Title Detecting urban-scale dynamics of electricity consumption at Chinese cities using time-series DMSP-OLS (Defense Meteorological Satellite Program-Operational Linescan System) nighttime light imageries Type Journal Article
Year 2016 Publication Energy Abbreviated Journal Energy
Volume 100 Issue Pages 177-189
Keywords Remote Sensing
Abstract (up) A better understanding of the spatiotemporal pattern of energy consumption at the urban scale is significant in the interactions between economic activities and environment.
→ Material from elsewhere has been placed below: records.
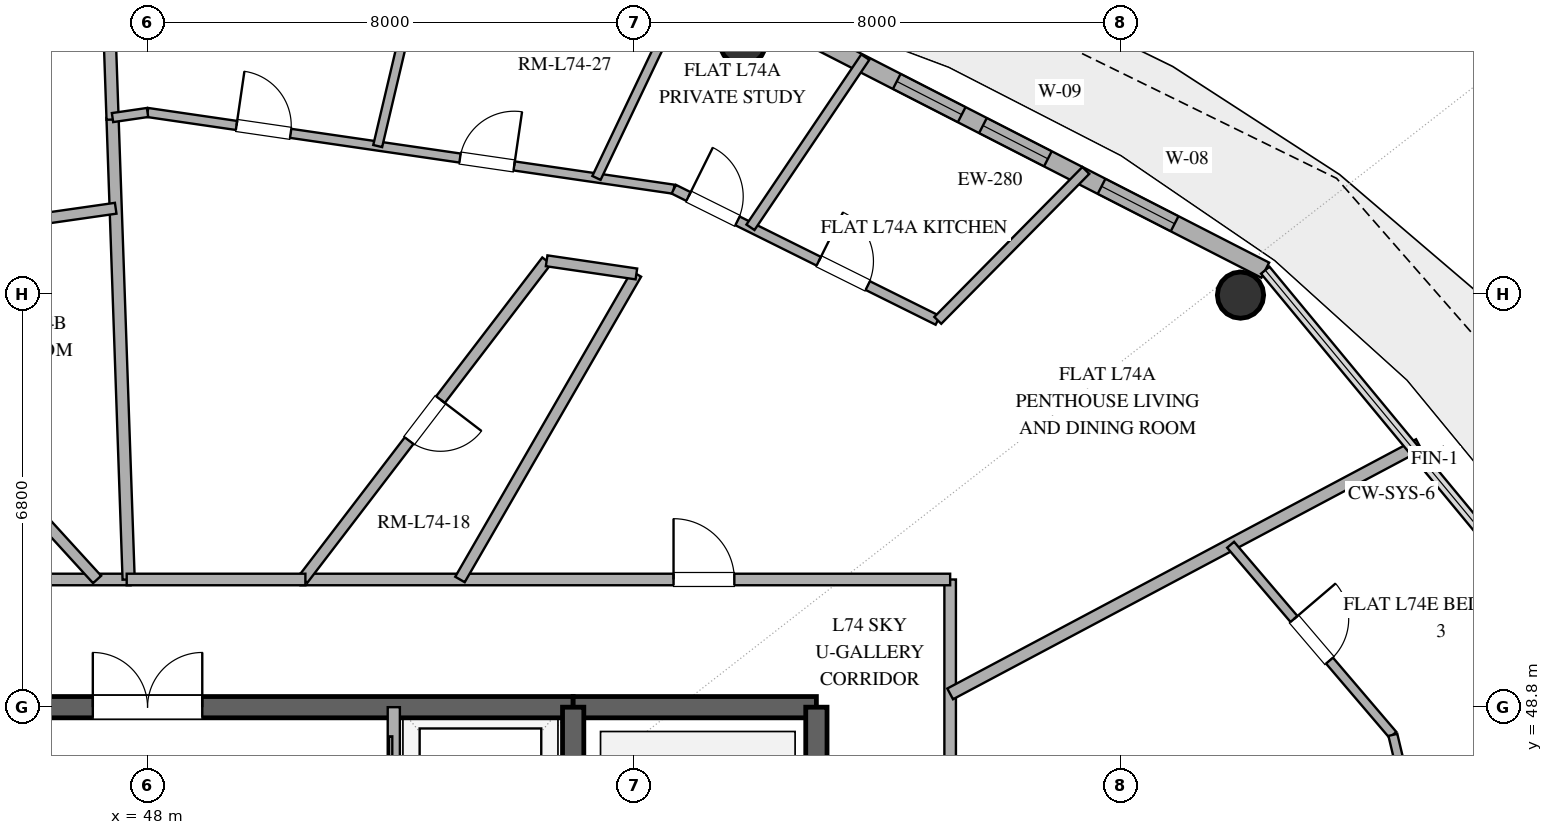
"""IFC4 building model, lengths in metres.
Left out: names, types, materials, properties, quantities, classifications, styles, units other than length and angle.
Written with IfcOpenShell. Run it as: python <this file> out.ifc"""

import sys

from ifc_helpers import new_model, si_unit, direction, frame, frame_2d, origin, origin_2d, place, context, subcontext, project, spatial, rectangle, hollow_circle, extrude, element, fill, save


model = new_model("IFC4")
c1 = context("Model", 3, precision=1e-05, world=origin(), true_north=direction((0.0, 1.0)))
c2 = subcontext(c1, "Body", "Model", "MODEL_VIEW")
j1 = project(units=[si_unit("LENGTHUNIT", "METRE"), si_unit("PLANEANGLEUNIT", "RADIAN")], contexts=[c1])
p1 = place(None, origin())
s1 = spatial("IfcSite", under=j1, at=p1, CompositionType="ELEMENT")
p2 = place(p1, origin())
s2 = spatial("IfcBuilding", under=s1, at=p2, CompositionType="ELEMENT")
p3 = place(p2, frame((0.0, 0.0, 287.4)))
s3 = spatial("IfcBuildingStorey", under=s2, at=p3, CompositionType="ELEMENT", Elevation=287.4)
p4 = place(p3, frame((41.0, 48.8, 0.0), z_axis=(0.0, 0.0, 1.0), x_axis=(1.0, 0.0, 0.0)))
e1 = element("IfcWall", 1, at=p4, inside=s3, PredefinedType="SHEAR", context=c2, shape_type="SweptSolid", body=[
    extrude(rectangle(XDim=14.0, YDim=0.35, at=frame_2d((7.0, 0.0))), origin(), (0.0, 0.0, 1.0), 3.37),
])
p5 = place(p4, frame((6.1, 0.0, 0.0)))
e2 = element("IfcOpeningElement", 2, at=p5, cuts=e1, PredefinedType="OPENING", context=c2, shape_type="SweptSolid", body=[
    extrude(rectangle(XDim=1.8, YDim=2.25, at=frame_2d((0.9, 1.125))), frame((0.0, 0.185, 0.0), z_axis=(0.0, -1.0, 0.0), x_axis=(1.0, 0.0, 0.0)), (0.0, 0.0, 1.0), 0.37),
])
p6 = place(p3, frame((55.0, 48.8, 0.0), z_axis=(0.0, 0.0, 1.0), x_axis=(1.0, 0.0, 0.0)))
e3 = element("IfcWall", 3, at=p6, inside=s3, PredefinedType="SHEAR", context=c2, shape_type="SweptSolid", body=[
    extrude(rectangle(XDim=4.0, YDim=0.35, at=frame_2d((2.0, 0.0))), origin(), (0.0, 0.0, 1.0), 3.37),
])
p7 = place(p3, frame((59.0, 35.2, 0.0), z_axis=(0.0, 0.0, 1.0), x_axis=(0.0, 1.0, 0.0)))
e4 = element("IfcWall", 4, at=p7, inside=s3, PredefinedType="SHEAR", context=c2, shape_type="SweptSolid", body=[
    extrude(rectangle(XDim=13.6, YDim=0.35, at=frame_2d((6.8, 0.0))), origin(), (0.0, 0.0, 1.0), 3.37),
])
p8 = place(p7, frame((1.5, 0.0, 0.0)))
e5 = element("IfcOpeningElement", 5, at=p8, cuts=e4, PredefinedType="OPENING", context=c2, shape_type="SweptSolid", body=[
    extrude(rectangle(XDim=1.2, YDim=2.15, at=frame_2d((0.6, 1.075))), frame((0.0, 0.185, 0.0), z_axis=(0.0, -1.0, 0.0), x_axis=(1.0, 0.0, 0.0)), (0.0, 0.0, 1.0), 0.37),
])
p9 = place(p3, frame((55.0, 35.2, 0.0), z_axis=(0.0, 0.0, 1.0), x_axis=(0.0, 1.0, 0.0)))
e6 = element("IfcWall", 6, at=p9, inside=s3, PredefinedType="SHEAR", context=c2, shape_type="SweptSolid", body=[
    extrude(rectangle(XDim=13.6, YDim=0.35, at=frame_2d((6.8, 0.0))), origin(), (0.0, 0.0, 1.0), 3.37),
])
p10 = place(p9, frame((1.15, 0.0, 0.0)))
e7 = element("IfcOpeningElement", 7, at=p10, cuts=e6, PredefinedType="OPENING", context=c2, shape_type="SweptSolid", body=[
    extrude(rectangle(XDim=1.1, YDim=2.2, at=frame_2d((0.55, 1.1))), frame((0.0, 0.185, 0.0), z_axis=(0.0, -1.0, 0.0), x_axis=(1.0, 0.0, 0.0)), (0.0, 0.0, 1.0), 0.37),
])
for number, where, z_axis, x_axis in (
    (8, (65.975, 55.576, 0.0), (0.0, 0.0, 1.0), (1.0, 0.0, 0.0)),
    (9, (57.791, 59.739, 0.0), (0.0, 0.0, 1.0), (1.0, 0.0, 0.0)),
):
    element("IfcColumn", number, at=place(p3, frame(where, z_axis=z_axis, x_axis=x_axis)), inside=s3, PredefinedType="COLUMN", context=c2, shape_type="SweptSolid", body=[
        extrude(hollow_circle(Radius=0.381, WallThickness=0.025, at=origin_2d()), origin(), (0.0, 0.0, 1.0), 3.37),
    ])
p11 = place(p3, frame((66.383, 55.987, 0.0), z_axis=(0.0, 0.0, 1.0), x_axis=(-0.890007394051, 0.455946091699, 0.0)))
e10 = element("IfcWall", 10, at=p11, inside=s3, PredefinedType="SOLIDWALL", context=c2, shape_type="SweptSolid", body=[
    extrude(rectangle(XDim=9.404, YDim=0.28, at=frame_2d((4.702, 0.0))), origin(), (0.0, 0.0, 1.0), 3.37),
])
p12 = place(p11, frame((1.675, 0.0, 0.85)))
e11 = element("IfcOpeningElement", 11, at=p12, cuts=e10, PredefinedType="OPENING", context=c2, shape_type="SweptSolid", body=[
    extrude(rectangle(XDim=1.35, YDim=1.8, at=frame_2d((0.675, 0.9))), frame((0.0, 0.15, 0.0), z_axis=(0.0, -1.0, 0.0), x_axis=(1.0, 0.0, 0.0)), (0.0, 0.0, 1.0), 0.3),
])
p13 = place(p11, frame((4.017, 0.0, 0.85)))
e12 = element("IfcOpeningElement", 12, at=p13, cuts=e10, PredefinedType="OPENING", context=c2, shape_type="SweptSolid", body=[
    extrude(rectangle(XDim=1.2, YDim=1.8, at=frame_2d((0.6, 0.9))), frame((0.0, 0.15, 0.0), z_axis=(0.0, -1.0, 0.0), x_axis=(1.0, 0.0, 0.0)), (0.0, 0.0, 1.0), 0.3),
])
p14 = place(p11, frame((5.609, 0.0, 0.85)))
e13 = element("IfcOpeningElement", 13, at=p14, cuts=e10, PredefinedType="OPENING", context=c2, shape_type="SweptSolid", body=[
    extrude(rectangle(XDim=1.2, YDim=1.8, at=frame_2d((0.6, 0.9))), frame((0.0, 0.15, 0.0), z_axis=(0.0, -1.0, 0.0), x_axis=(1.0, 0.0, 0.0)), (0.0, 0.0, 1.0), 0.3),
])
p15 = place(p3, frame((52.05, 40.98, 0.0), z_axis=(0.0, 0.0, 1.0), x_axis=(0.0, 1.0, 0.0)))
e14 = element("IfcWall", 14, at=p15, inside=s3, PredefinedType="SOLIDWALL", context=c2, shape_type="SweptSolid", body=[
    extrude(rectangle(XDim=7.82, YDim=0.2, at=frame_2d((3.91, 0.0))), origin(), (0.0, 0.0, 1.0), 2.73),
])
p16 = place(p15, frame((0.65, 0.0, 0.0)))
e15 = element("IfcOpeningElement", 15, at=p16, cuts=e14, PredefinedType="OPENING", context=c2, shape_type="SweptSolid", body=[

This study assessed the spatiotemporal dynamics of EC (electricity consumption) in UC (urban cores) and SR (suburban regions) in China from 2000 to 2012 by using remotely sensed NTL (nighttime light) imagery. Firstly, UC and SR were extracted using a threshold technique. Next, provincial level model was calibrated yearly by using Enhanced Vegetation Index and population-adjusted NTL data as independent variables. These models were then applied for pixel-based estimation to obtain time-series EC data sets. Finally, the spatiotemporal pattern of EC in both UC and SR were explored. The results indicated that the proportion of EC in urban areas rose from 50.6% to 71.32%, with a growing trend of spatial autocorrelation. Cities with high urban EC were either located in the coastal region or belonged to provincial capitals. These cities experienced a moderate to a rapid growth of EC in both UC and SR, while a slow growth was detected for the majority of western and northeastern cities. The findings suggested that EC in SR was more crucial for sustainable energy development in China.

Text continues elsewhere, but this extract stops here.